Vika prayed to Sarla, for Orica and Cade, and Garric, too. Aren couldn’t even muster any anger at that name, even though he still blamed him for Cade’s death. He’d been emptied by the past few hours. In the end, Garric wasn’t the villain Aren’s father had warned him about, nor the hero he’d once appeared. There were no heroes or villains here, or anywhere. He was just a man, flawed as the next, and he made his choices like the rest of them. Whether they were good choices or bad was a matter of perspective.
When Vika was done, she stepped back from the grave and looked to Harod.
‘Will you speak?’ she asked him. ‘You, who knew her best?’
He moved to the foot of her grave and looked down upo
n it. He was wearing his armour again, his velvets discarded, a knight once more. At last, he lifted his head, and in a high, frail voice, he sang.
The king stood at his window in his castle on the shore.
His family were sleeping, his foes were no more.
As he looked o’er the sea he heard knuckles on the door.
’Twas his seer, white as a ghost.
‘Sire, please beware, for a storm does draw near
That will tear down your walls and take all you hold dear.’

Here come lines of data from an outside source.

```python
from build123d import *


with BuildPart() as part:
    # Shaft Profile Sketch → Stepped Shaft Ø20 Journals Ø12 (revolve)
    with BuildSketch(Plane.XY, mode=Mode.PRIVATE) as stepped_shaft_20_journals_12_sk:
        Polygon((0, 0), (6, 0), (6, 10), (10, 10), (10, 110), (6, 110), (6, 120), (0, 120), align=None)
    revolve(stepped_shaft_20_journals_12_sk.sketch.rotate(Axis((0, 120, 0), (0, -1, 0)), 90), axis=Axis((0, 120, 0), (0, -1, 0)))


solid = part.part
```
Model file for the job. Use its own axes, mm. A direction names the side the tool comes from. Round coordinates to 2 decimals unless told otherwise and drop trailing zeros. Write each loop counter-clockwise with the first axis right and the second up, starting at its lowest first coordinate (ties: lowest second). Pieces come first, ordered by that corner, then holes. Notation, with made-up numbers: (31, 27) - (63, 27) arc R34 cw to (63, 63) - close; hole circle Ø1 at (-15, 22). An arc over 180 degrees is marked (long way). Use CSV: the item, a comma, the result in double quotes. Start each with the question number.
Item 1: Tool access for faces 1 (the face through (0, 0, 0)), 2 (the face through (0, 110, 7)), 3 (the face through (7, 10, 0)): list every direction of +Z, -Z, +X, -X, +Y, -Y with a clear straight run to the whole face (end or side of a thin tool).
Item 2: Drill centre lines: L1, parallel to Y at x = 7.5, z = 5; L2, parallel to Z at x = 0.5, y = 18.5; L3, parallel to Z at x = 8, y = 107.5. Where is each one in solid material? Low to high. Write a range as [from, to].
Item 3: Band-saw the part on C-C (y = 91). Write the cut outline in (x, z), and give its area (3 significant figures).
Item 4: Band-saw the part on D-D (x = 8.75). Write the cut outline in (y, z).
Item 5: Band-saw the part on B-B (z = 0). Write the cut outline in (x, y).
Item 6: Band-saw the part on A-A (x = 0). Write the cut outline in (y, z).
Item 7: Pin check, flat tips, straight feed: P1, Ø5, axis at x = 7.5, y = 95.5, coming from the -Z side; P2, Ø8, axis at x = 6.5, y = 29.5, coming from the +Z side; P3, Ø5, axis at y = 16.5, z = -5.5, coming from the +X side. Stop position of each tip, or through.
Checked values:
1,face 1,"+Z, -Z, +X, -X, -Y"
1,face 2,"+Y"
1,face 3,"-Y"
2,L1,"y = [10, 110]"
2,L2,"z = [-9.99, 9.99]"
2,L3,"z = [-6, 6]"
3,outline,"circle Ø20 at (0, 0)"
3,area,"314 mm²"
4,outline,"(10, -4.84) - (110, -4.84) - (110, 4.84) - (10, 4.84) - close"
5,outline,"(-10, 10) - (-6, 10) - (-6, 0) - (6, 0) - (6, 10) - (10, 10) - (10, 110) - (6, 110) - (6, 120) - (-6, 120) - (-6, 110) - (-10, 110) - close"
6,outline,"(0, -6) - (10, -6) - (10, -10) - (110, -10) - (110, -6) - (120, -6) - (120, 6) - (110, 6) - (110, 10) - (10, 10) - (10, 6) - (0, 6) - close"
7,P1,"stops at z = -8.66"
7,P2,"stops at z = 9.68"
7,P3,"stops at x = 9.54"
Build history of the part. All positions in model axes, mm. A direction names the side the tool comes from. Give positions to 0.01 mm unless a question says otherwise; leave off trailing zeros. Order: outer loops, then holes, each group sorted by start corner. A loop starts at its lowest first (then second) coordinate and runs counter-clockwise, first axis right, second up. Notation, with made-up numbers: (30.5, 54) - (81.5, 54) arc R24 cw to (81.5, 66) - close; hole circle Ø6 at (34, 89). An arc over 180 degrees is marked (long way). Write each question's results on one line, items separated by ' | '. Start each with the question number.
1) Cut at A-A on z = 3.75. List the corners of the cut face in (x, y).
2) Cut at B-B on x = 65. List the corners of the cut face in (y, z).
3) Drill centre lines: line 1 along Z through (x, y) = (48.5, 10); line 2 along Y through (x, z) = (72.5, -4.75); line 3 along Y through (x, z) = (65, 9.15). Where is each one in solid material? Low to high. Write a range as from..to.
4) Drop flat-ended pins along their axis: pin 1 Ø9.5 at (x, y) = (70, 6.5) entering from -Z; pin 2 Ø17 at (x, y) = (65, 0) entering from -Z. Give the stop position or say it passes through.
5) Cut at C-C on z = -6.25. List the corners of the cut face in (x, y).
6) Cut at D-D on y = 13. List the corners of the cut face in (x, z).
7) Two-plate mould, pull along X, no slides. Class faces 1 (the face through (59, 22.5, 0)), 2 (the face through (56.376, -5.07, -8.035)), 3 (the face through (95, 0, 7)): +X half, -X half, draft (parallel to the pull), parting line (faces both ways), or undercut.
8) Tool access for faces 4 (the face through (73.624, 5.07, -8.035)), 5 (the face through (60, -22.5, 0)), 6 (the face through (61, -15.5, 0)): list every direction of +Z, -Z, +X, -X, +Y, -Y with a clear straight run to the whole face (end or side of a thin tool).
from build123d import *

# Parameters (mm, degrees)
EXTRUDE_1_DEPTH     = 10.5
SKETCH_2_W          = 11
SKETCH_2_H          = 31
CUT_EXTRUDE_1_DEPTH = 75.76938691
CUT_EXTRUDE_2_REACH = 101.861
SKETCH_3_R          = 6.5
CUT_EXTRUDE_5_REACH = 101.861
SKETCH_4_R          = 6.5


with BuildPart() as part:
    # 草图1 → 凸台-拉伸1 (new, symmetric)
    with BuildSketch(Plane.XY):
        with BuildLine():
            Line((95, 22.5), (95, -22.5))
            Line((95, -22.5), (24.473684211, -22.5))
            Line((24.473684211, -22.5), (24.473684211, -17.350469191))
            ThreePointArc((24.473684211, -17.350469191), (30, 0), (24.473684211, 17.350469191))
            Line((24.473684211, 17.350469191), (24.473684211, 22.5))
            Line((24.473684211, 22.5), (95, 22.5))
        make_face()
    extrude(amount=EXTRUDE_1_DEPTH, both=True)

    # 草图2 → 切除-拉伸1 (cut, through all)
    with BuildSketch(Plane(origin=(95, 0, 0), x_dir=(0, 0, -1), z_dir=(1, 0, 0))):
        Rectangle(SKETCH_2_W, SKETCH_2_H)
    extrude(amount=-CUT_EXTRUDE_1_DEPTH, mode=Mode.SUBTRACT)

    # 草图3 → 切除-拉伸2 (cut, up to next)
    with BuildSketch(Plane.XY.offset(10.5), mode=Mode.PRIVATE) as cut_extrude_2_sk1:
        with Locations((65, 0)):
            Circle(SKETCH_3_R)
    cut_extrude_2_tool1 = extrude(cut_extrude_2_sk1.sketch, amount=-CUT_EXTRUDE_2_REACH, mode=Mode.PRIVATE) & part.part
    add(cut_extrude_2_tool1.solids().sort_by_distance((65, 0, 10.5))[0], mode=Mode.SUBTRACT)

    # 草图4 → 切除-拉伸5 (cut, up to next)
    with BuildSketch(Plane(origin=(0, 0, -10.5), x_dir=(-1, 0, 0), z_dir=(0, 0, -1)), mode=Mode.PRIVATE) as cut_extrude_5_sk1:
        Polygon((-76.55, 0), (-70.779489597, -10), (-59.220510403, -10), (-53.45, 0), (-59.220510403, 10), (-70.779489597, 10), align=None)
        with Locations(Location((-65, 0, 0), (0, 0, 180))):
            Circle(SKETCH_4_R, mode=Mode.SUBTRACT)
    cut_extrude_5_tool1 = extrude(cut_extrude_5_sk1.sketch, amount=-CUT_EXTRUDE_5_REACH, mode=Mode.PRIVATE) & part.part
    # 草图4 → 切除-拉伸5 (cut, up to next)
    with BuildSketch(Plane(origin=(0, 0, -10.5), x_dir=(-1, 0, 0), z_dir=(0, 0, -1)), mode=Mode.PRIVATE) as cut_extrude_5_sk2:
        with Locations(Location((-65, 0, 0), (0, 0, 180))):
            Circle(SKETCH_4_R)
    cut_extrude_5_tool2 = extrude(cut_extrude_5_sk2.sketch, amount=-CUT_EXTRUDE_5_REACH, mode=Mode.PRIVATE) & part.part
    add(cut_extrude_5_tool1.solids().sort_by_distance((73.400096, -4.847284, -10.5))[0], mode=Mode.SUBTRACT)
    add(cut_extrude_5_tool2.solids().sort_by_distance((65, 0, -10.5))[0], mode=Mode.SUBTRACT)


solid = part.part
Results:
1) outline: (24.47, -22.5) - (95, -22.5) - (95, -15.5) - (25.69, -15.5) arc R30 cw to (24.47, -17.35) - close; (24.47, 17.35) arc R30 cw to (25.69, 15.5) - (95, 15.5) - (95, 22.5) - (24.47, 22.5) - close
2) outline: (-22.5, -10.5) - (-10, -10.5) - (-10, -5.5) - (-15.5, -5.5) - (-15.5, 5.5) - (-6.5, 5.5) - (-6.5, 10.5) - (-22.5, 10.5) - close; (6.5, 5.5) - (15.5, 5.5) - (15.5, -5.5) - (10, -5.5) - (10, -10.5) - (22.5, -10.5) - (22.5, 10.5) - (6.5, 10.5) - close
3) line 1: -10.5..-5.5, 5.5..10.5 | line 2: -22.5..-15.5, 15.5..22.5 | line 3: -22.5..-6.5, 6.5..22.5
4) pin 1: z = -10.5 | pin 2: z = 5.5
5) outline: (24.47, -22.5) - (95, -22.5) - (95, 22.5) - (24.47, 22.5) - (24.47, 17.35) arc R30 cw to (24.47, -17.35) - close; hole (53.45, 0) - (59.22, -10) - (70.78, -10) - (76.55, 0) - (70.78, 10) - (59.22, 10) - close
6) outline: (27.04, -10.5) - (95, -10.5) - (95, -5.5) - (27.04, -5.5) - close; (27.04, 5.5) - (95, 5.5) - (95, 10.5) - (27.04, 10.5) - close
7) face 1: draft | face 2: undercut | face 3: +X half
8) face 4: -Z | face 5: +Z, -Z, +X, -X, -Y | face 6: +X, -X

But the king laughed and knew he had nothing to fear
And he turned his old eyes to the coast.
His voice was weak and he could hardly hold a tune, but it didn’t matter somehow. Aren felt something stir inside him as he listened, a shred of defiance and battered pride amid the empty sadness. He couldn’t let Harod continue alone, and after hearing it so many times from Orica’s lips, they all knew the words. Aren lifted his voice with Harod’s, and one by one the others did, too.
He said, ‘I see no clouds, and the waves are not high.
Your omens mislead you, your bones fall awry.’
But the seer said, ‘Sire, not all storms come from the sky.
There are depths to which you cannot see.
‘The tide is returning, and coming right soon.
It brings with it those you have sent to their doom.
There’s a wolf in the waves who yet howls from its tomb
And the fallen keep long memory.’
Then the king said, ‘You lie! For this land is my land!
Passed on to me by fate’s bloodied right hand.’
‘But sire,’ said the seer, ‘though you think you command,
Your rule is but fleeting here.
‘There are elder things yet than the god you obey
And none may lay claim to this soil, try you may.
For this land will be here after you pass away
And its children will still persevere.’
By now, all of them were singing, even Grub. Despite everything, Aren’s heart swelled at the sound. His hand went to the Ember Blade at his hip. For all it had cost, they’d done something miraculous tonight. Cade would have appreciated that.